Wednesday, December 21, 2011

Perhaps my current employer hasn't gotten the memo. The week before and the week after Christmas is supposed to go like this: everyone takes all their leftover vacation time so I - not going out of town or anything - come in to a mostly empty office, surf the internet all day and take three hour lunches.

That's not happening. Most of it is my fault. I said I'd have something done by the end of the month, so I've got that. Plus whatever normal stuff pops up, because as far as I can tell no one is taking any vacation time and everyone will be here right up until Santa comes through and is all like "really, people, go home and be with your families."

And I certainly know you don't talk about your job online, so I'll just say: I'm not complaining. Really! I like my job and my coworkers, and that's a rare thing these days. Lucky me!

***

The holiday plan is low-key. I'm done with shopping. No one else is getting anything, and no one is getting anything else. So there. I'm going to go home and cook sweet potatoes on Friday night, then John and Gretchen and I will go to my sister Julie's house for the big family festival. There will be turkey and presents for the kids and drinking. John will go to his mom's to spend the night and to have Christmas morning with her. Gretchen and I will cuddle on the couch and watch It's A Wonderful Life. Then we'll open presents the next morning and eat cherry turnovers. Jen and James are having brunch that day and we'll probably go to that, which should be delicious.

Then hopefully a little hunting for me and John the next morning. John is all about getting up early - the earlier the better - and he likes putting on hunting gear. His problem is he's not likely to sit quietly for more than an hour or so. The deer will almost certainly hear him. So we'll see. Still, time in the woods with your son is good.

Thursday, December 15, 2011

I'm sick.

It's nothing serious. Just a cold. But I had such a good streak going!

Barring an ear infection I had this summer after swimming in my sister's still-icy pool on Memorial Day, I haven't been sick in about two years. In January 2010 - when I was stressed and not sleeping and basically putting out the Bienvenados! mat for any passing bug - I had strep throat.

I'd never had strep throat before. I thought it was just a sore throat with a name. But no! Any other sore throat I'd ever had in my life? Eating was nice - especially chips and salsa, 'cause it was all scratchy on the sore spots - and drinking ice water was a joy.
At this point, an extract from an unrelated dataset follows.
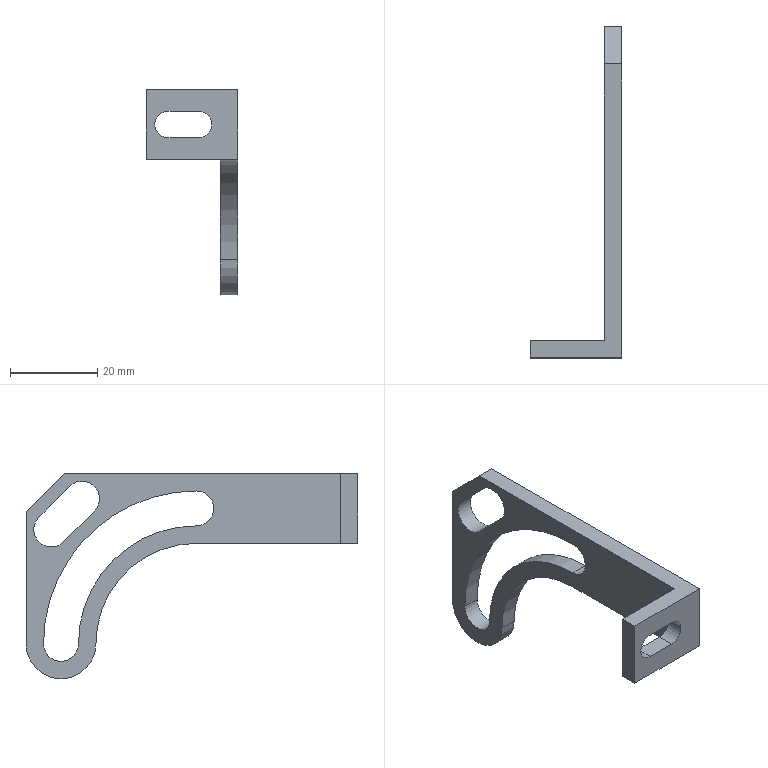Component | NX | BRACKET | 1 solid | 23 faces | volume 5567 mm3 | plane 13 | cylinder 10 | commonest cylinder face diameters 8 x4 6 x2 54 x1 16 x1 46 x1 70 x1

But strep throat? Drinking hurt. Eating was a nightmare. Swallowing was a struggle. Breathing was bad. I was afraid of working those muscles in my throat because of the pain that would go along with it.

(Go ahead and make your bet your boyfriend was disappointed! jokes. Hurr hurr hurr!)

But since then? Over the past two years I've been astonishingly healthy. Not so much as a sniffle.

And what I have now isn't bad. My throats kind of sore, my nose is a little runny, I'm sneezing some.

But I was doing so good!

***

And there's an elf living in my house.

John spent the night with his cousin Friday night, and his cousin had an elf.

"I want an elf to come live at my house!" John told his cousin's elf.

Now there's an elf at my house. He made a mess in John's room. This morning he was sitting over the fireplace, where he had hung a bunch of John's underwear in place of the stockings. He was wearing a pair himself.

Also his name is Pedro. He's swarthy. And bilingual.

Tuesday, December 13, 2011

I got an e-mail today from my high school. Specifically, from the woman who used to be the yearbook adviser - and one of my favorite teachers, too. She runs the school now, and she sent me a link to the alumni newsletter.

It was fine, full of the stuff you'd expect from a small private high school's alumni newsletter. One thing did catch my attention, though. It was a note from the Dean of Students:

One of my favorite scenes from Dead Poet’s Society is when Robin William’s (sic) character goes to the trophy case to point his students to their heritage - the students who went before them. I get those same goose bumps when I walk down the south hallway...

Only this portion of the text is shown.